This was the reason he had let desire override his instincts, buying her dinner and sleeping with her against his better judgment.

No. He had to be honest with himself. He had relapsed and embraced the risk in seeing her. The nature and level of risk had been a mystery, which had been part of the appeal, but rather than heed the prickle down his spine, he had given in and scratched his itch, arrogantly certain he could weather any repercussions that came from their night together.

And this damned sexual heat had muffled the signals. When her voice had thinned, or her gaze had dropped, he’d seen it as a reaction to the brush of his foot against hers or the fact their stare had already been locked too long as a moment ripened with anticipation. She had licked her lips and stammered, but only in response to his most innocuous questions. Should we order dessert? Are you cold?

That last had been in response to how her nipples had stiffened beneath the silk of her blouse. Such a physical sign of arousal wasn’t something she could fake, and she hadn’t realized where his gaze had strayed when she answered, Not at all.

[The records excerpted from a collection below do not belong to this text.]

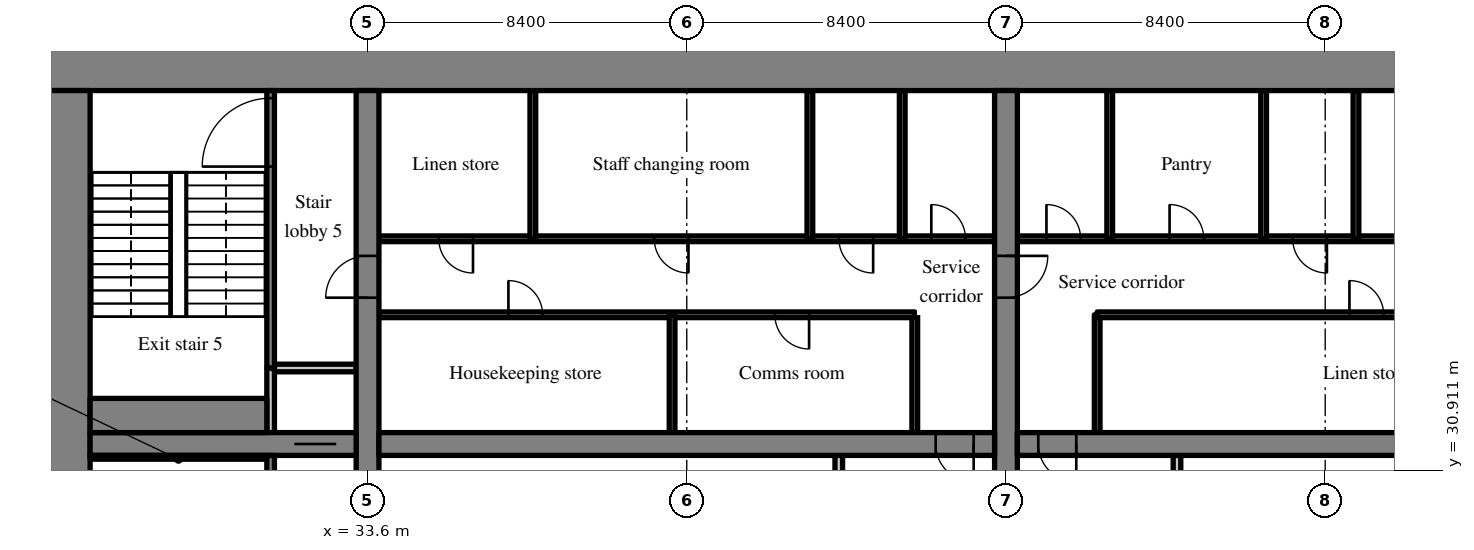
"""IFC4 building model, lengths in metres.
Left out: names, types, materials, properties, quantities, classifications, styles, units other than length and angle.
Written with IfcOpenShell. Run it as: python <this file> out.ifc"""

import sys

from ifc_helpers import new_model, si_unit, direction, frame, frame_2d, origin, place, context, subcontext, project, spatial, rectangle, extrude, source, transform, mapped, element, fill, save


model = new_model("IFC4")
c1 = context("Model", 3, precision=1e-05, world=origin(), true_north=direction((0.0, 1.0)))
c2 = subcontext(c1, "Body", "Model", "MODEL_VIEW")
j1 = project(units=[si_unit("LENGTHUNIT", "METRE"), si_unit("PLANEANGLEUNIT", "RADIAN")], contexts=[c1])
p1 = place(None, origin())
s1 = spatial("IfcSite", under=j1, at=p1, CompositionType="ELEMENT")
p2 = place(p1, origin())
s2 = spatial("IfcBuilding", under=s1, at=p2, CompositionType="ELEMENT")
p3 = place(p2, frame((0.0, 0.0, 23.0)))
s3 = spatial("IfcBuildingStorey", under=s2, at=p3, CompositionType="ELEMENT", Elevation=23.0)
m1 = source(origin(), c2, "Body", "SweptSolid", [
    extrude(rectangle(XDim=50.4, YDim=1.1, at=frame_2d((25.2, 0.0))), origin(), (0.0, 0.0, 1.0), 4.52),
])
p4 = place(p3, frame((25.2, 41.45, 0.0), z_axis=(0.0, 0.0, 1.0), x_axis=(1.0, 0.0, 0.0)))
e1 = element("IfcWall", 1, at=p4, inside=s3, PredefinedType="SHEAR", context=c2, shape_type="MappedRepresentation", body=[
    mapped(m1, transform((0.0, 0.0, 0.0), scale=1.0)),
])
m2 = source(origin(), c2, "Body", "SweptSolid", [
    extrude(rectangle(XDim=17.8, YDim=1.1, at=frame_2d((8.9, 0.0))), origin(), (0.0, 0.0, 1.0), 4.52),
])
p5 = place(p3, frame((25.75, 23.1, 0.0), z_axis=(0.0, 0.0, 1.0), x_axis=(0.0, 1.0, 0.0)))
e2 = element("IfcWall", 2, at=p5, inside=s3, PredefinedType="SHEAR", context=c2, shape_type="MappedRepresentation", body=[
    mapped(m2, transform((0.0, 0.0, 0.0), scale=1.0)),
])
m3 = source(origin(), c2, "Body", "SweptSolid", [
    extrude(rectangle(XDim=17.8, YDim=0.6, at=frame_2d((8.9, 0.0))), origin(), (0.0, 0.0, 1.0), 4.52),
])
p6 = place(p3, frame((33.6, 23.1, 0.0), z_axis=(0.0, 0.0, 1.0), x_axis=(0.0, 1.0, 0.0)))
e3 = element("IfcWall", 3, at=p6, inside=s3, PredefinedType="SHEAR", context=c2, shape_type="MappedRepresentation", body=[
    mapped(m3, transform((0.0, 0.0, 0.0), scale=1.0)),
])
m4 = source(origin(), c2, "Body", "SweptSolid", [
    extrude(rectangle(XDim=1.1, YDim=2.1, at=frame_2d((0.55, 1.05))), frame((0.0, 0.31, 0.0), z_axis=(0.0, -1.0, 0.0), x_axis=(1.0, 0.0, 0.0)), (0.0, 0.0, 1.0), 0.62),
])
p7 = place(p6, frame((12.35, 0.0, 0.0)))
e4 = element("IfcOpeningElement", 4, at=p7, cuts=e3, PredefinedType="OPENING", context=c2, shape_type="MappedRepresentation", body=[
    mapped(m4, transform((0.0, 0.0, 0.0), scale=1.0)),
])
p8 = place(p3, frame((50.4, 23.1, 0.0), z_axis=(0.0, 0.0, 1.0), x_axis=(0.0, 1.0, 0.0)))
e5 = element("IfcWall", 5, at=p8, inside=s3, PredefinedType="SHEAR", context=c2, shape_type="MappedRepresentation", body=[
    mapped(m3, transform((0.0, 0.0, 0.0), scale=1.0)),
])
p9 = place(p8, frame((12.35, 0.0, 0.0)))
e6 = element("IfcOpeningElement", 6, at=p9, cuts=e5, PredefinedType="OPENING", context=c2, shape_type="MappedRepresentation", body=[
    mapped(m4, transform((0.0, 0.0, 0.0), scale=1.0)),
])
m5 = source(origin(), c2, "Body", "SweptSolid", [
    extrude(rectangle(XDim=7.0, YDim=0.6, at=frame_2d((3.5, 0.0))), origin(), (0.0, 0.0, 1.0), 4.52),
])
p10 = place(p3, frame((26.3, 31.6, 0.0), z_axis=(0.0, 0.0, 1.0), x_axis=(1.0, 0.0, 0.0)))
e7 = element("IfcWall", 7, at=p10, inside=s3, PredefinedType="SHEAR", context=c2, shape_type="MappedRepresentation", body=[
    mapped(m5, transform((0.0, 0.0, 0.0), scale=1.0)),
])
p11 = place(p10, frame((5.375, 0.0, 0.0)))
e8 = element("IfcOpeningElement", 8, at=p11, cuts=e7, PredefinedType="OPENING", context=c2, shape_type="MappedRepresentation", body=[
    mapped(m4, transform((0.0, 0.0, 0.0), scale=1.0)),
])
m6 = source(origin(), c2, "Body", "SweptSolid", [
    extrude(rectangle(XDim=16.2, YDim=0.6, at=frame_2d((8.1, 0.0))), origin(), (0.0, 0.0, 1.0), 4.52),
])
p12 = place(p3, frame((33.9, 31.6, 0.0), z_axis=(0.0, 0.0, 1.0), x_axis=(1.0, 0.0, 0.0)))
e9 = element("IfcWall", 9, at=p12, inside=s3, PredefinedType="SHEAR", context=c2, shape_type="MappedRepresentation", body=[
    mapped(m6, transform((0.0, 0.0, 0.0), scale=1.0)),
])
m7 = source(origin(), c2, "Body", "SweptSolid", [
    extrude(rectangle(XDim=1.0, YDim=2.1, at=frame_2d((0.5, 1.05))), frame((0.0, 0.31, 0.0), z_axis=(0.0, -1.0, 0.0), x_axis=(1.0, 0.0, 0.0)), (0.0, 0.0, 1.0), 0.62),
])
p13 = place(p12, frame((14.65, 0.0, 0.0)))
e10 = element("IfcOpeningElement", 10, at=p13, cuts=e9, PredefinedType="OPENING", context=c2, shape_type="MappedRepresentation", body=[
    mapped(m7, transform((0.0, 0.0, 0.0), scale=1.0)),
])
m8 = source(origin(), c2, "Body", "SweptSolid", [
    extrude(rectangle(XDim=16.2, YDim=0.6, at=frame_2d((8.1, 0.0))), origin(), (0.0, 0.0, 1.0), 4.52),
])
p14 = place(p3, frame((50.7, 31.6, 0.0), z_axis=(0.0, 0.0, 1.0), x_axis=(1.0, 0.0, 0.0)))
e11 = element("IfcWall", 11, at=p14, inside=s3, PredefinedType="SHEAR", context=c2, shape_type="MappedRepresentation", body=[
    mapped(m8, transform((0.0, 0.0, 0.0), scale=1.0)),
])
p15 = place(p14, frame((0.55, 0.0, 0.0)))
e12 = element("IfcOpeningElement", 12, at=p15, cuts=e11, PredefinedType="OPENING", context=c2, shape_type="MappedRepresentation", body=[
    mapped(m7, transform((0.0, 0.0, 0.0), scale=1.0)),
])
m9 = source(origin(), c2, "Body", "SweptSolid", [
    extrude(rectangle(XDim=2.5, YDim=0.2, at=frame_2d((1.25, 0.0))), origin(), (0.0, 0.0, 1.0), 4.52),
])
p16 = place(p3, frame((46.0, 28.8, 0.0), z_axis=(0.0, 0.0, 1.0), x_axis=(0.0, 1.0, 0.0)))
e13 = element("IfcWall", 13, at=p16, inside=s3, PredefinedType="SOLIDWALL", context=c2, shape_type="MappedRepresentation", body=[
    mapped(m9, transform((0.0, 0.0, 0.0), scale=1.0)),
])
m10 = source(origin(), c2, "Body", "SweptSolid", [
    extrude(rectangle(XDim=3.1, YDim=0.15, at=frame_2d((1.55, 0.0))), origin(), (0.0, 0.0, 1.0), 4.52),
])
p17 = place(p3, frame((48.0, 31.9, 0.0), z_axis=(0.0, 0.0, 1.0), x_axis=(0.0, 1.0, 0.0)))
e14 = element("IfcWall", 14, at=p17, inside=s3, PredefinedType="PARTITIONING", context=c2, shape_type="MappedRepresentation", body=[
    mapped(m10, transform((0.0, 0.0, 0.0), scale=1.0)),
])
m11 = source(origin(), c2, "Body", "SweptSolid", [
    extrude(rectangle(XDim=14.1, YDim=0.15, at=frame_2d((7.05, 0.0))), origin(), (0.0, 0.0, 1.0), 4.52),
])
p18 = place(p3, frame((33.9, 35.0, 0.0), z_axis=(0.0, 0.0, 1.0), x_axis=(1.0, 0.0, 0.0)))
e15 = element("IfcWall", 15, at=p18, inside=s3, PredefinedType="PARTITIONING", context=c2, shape_type="MappedRepresentation", body=[
    mapped(m11, transform((0.0, 0.0, 0.0), scale=1.0)),
])
m12 = source(origin(), c2, "Body", "SweptSolid", [
    extrude(rectangle(XDim=0.9, YDim=2.1, at=frame_2d((0.45, 1.05))), frame((0.0, 0.085, 0.0), z_axis=(0.0, -1.0, 0.0), x_axis=(1.0, 0.0, 0.0)), (0.0, 0.0, 1.0), 0.17),
])
p19 = place(p18, frame((3.407, 0.0, 0.0)))
e16 = element("IfcOpeningElement", 16, at=p19, cuts=e15, PredefinedType="OPENING", context=c2, shape_type="MappedRepresentation", body=[
    mapped(m12, transform((0.0, 0.0, 0.0), scale=1.0)),
])
p20 = place(p18, frame((10.419, 0.0, 0.0)))
e17 = element("IfcOpeningElement", 17, at=p20, cuts=e15, PredefinedType="OPENING", context=c2, shape_type="MappedRepresentation", body=[
    mapped(m12, transform((0.0, 0.0, 0.0), scale=1.0)),
])
m13 = source(origin(), c2, "Body", "SweptSolid", [
    extrude(rectangle(XDim=16.2, YDim=0.15, at=frame_2d((8.1, 0.0))), origin(), (0.0, 0.0, 1.0), 4.52),
])
p21 = place(p3, frame((33.9, 37.0, 0.0), z_axis=(0.0, 0.0, 1.0), x_axis=(1.0, 0.0, 0.0)))
e18 = element("IfcWall", 18, at=p21, inside=s3, PredefinedType="PARTITIONING", context=c2, shape_type="MappedRepresentation", body=[
    mapped(m13, transform((0.0, 0.0, 0.0), scale=1.0)),
])
p22 = place(p21, frame((1.575, 0.0, 0.0)))
e19 = element("IfcOpeningElement", 19, at=p22, cuts=e18, PredefinedType="OPENING", context=c2, shape_type="MappedRepresentation", body=[
    mapped(m12, transform((0.0, 0.0, 0.0), scale=1.0)),
])
p23 = place(p21, frame((7.245, 0.0, 0.0)))
e20 = element("IfcOpeningElement", 20, at=p23, cuts=e18, PredefinedType="OPENING", context=c2, shape_type="MappedRepresentation", body=[
    mapped(m12, transform((0.0, 0.0, 0.0), scale=1.0)),
])
p24 = place(p21, frame((12.105, 0.0, 0.0)))
e21 = element("IfcOpeningElement", 21, at=p24, cuts=e18, PredefinedType="OPENING", context=c2, shape_type="MappedRepresentation", body=[
    mapped(m12, transform((0.0, 0.0, 0.0), scale=1.0)),
])
p25 = place(p21, frame((14.535, 0.0, 0.0)))
e22 = element("IfcOpeningElement", 22, at=p25, cuts=e18, PredefinedType="OPENING", context=c2, shape_type="MappedRepresentation", body=[
    mapped(m12, transform((0.0, 0.0, 0.0), scale=1.0)),
])
p26 = place(p3, frame((41.614, 31.9, 0.0), z_axis=(0.0, 0.0, 1.0), x_axis=(0.0, 1.0, 0.0)))
e23 = element("IfcWall", 23, at=p26, inside=s3, PredefinedType="PARTITIONING", context=c2, shape_type="MappedRepresentation", body=[
    mapped(m10, transform((0.0, 0.0, 0.0), scale=1.0)),
])
m14 = source(origin(), c2, "Body", "SweptSolid", [
    extrude(rectangle(XDim=3.9, YDim=0.15, at=frame_2d((1.95, 0.0))), origin(), (0.0, 0.0, 1.0), 4.52),
])
for number, where, z_axis, x_axis in (
    (24, (37.95, 37.0, 0.0), (0.0, 0.0, 1.0), (0.0, 1.0, 0.0)),
    (25, (45.24, 37.0, 0.0), (0.0, 0.0, 1.0), (0.0, 1.0, 0.0)),
    (26, (47.67, 37.0, 0.0), (0.0, 0.0, 1.0), (0.0, 1.0, 0.0)),
):
    element("IfcWall", number, at=place(p3, frame(where, z_axis=z_axis, x_axis=x_axis)), inside=s3, PredefinedType="PARTITIONING", context=c2, shape_type="MappedRepresentation", body=[
        mapped(m14, transform((0.0, 0.0, 0.0), scale=1.0)),
    ])
m15 = source(origin(), c2, "Body", "SweptSolid", [
    extrude(rectangle(XDim=8.2, YDim=0.2, at=frame_2d((4.1, 0.0))), origin(), (0.0, 0.0, 1.0), 4.52),
])
p27 = place(p3, frame((54.9, 23.1, 0.0), z_axis=(0.0, 0.0, 1.0), x_axis=(0.0, 1.0, 0.0)))
e27 = element("IfcWall", 27, at=p27, inside=s3, PredefinedType="PARTITIONING", context=c2, shape_type="MappedRepresentation", body=[
    mapped(m15, transform((0.0, 0.0, 0.0), scale=1.0)),
])
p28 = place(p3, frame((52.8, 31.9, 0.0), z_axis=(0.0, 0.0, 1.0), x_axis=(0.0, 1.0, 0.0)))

He’d been on fire himself, skating on an edge between fascination and caution, as though she was a tigress who could turn on him, but since he was close enough, he was compelled to reach out, pet and stroke.

She had captured all his attention, lighting up when she laughed and challenging his opinions and growing wistful as she talked about her future. My work situation is complicated. I just broke my engagement, and he was my employer. Im facing a life change.

He had already done a cursory search and knew where she worked. There hadn’t been a reason to linger on that dispiriting topic, so he’d ordered dessert. They’d shared it and held hands as they walked through the hotel grounds to the beach. They had kissed beneath the moonlight, her back shifting beneath his palms, hips tilting into his in a way that still heated his blood when he thought of it. He’d invited her upstairs and she had proceeded to reset his bar for one-night stands, making it impossible for him to settle for any of the pale imitations he’d been offered since.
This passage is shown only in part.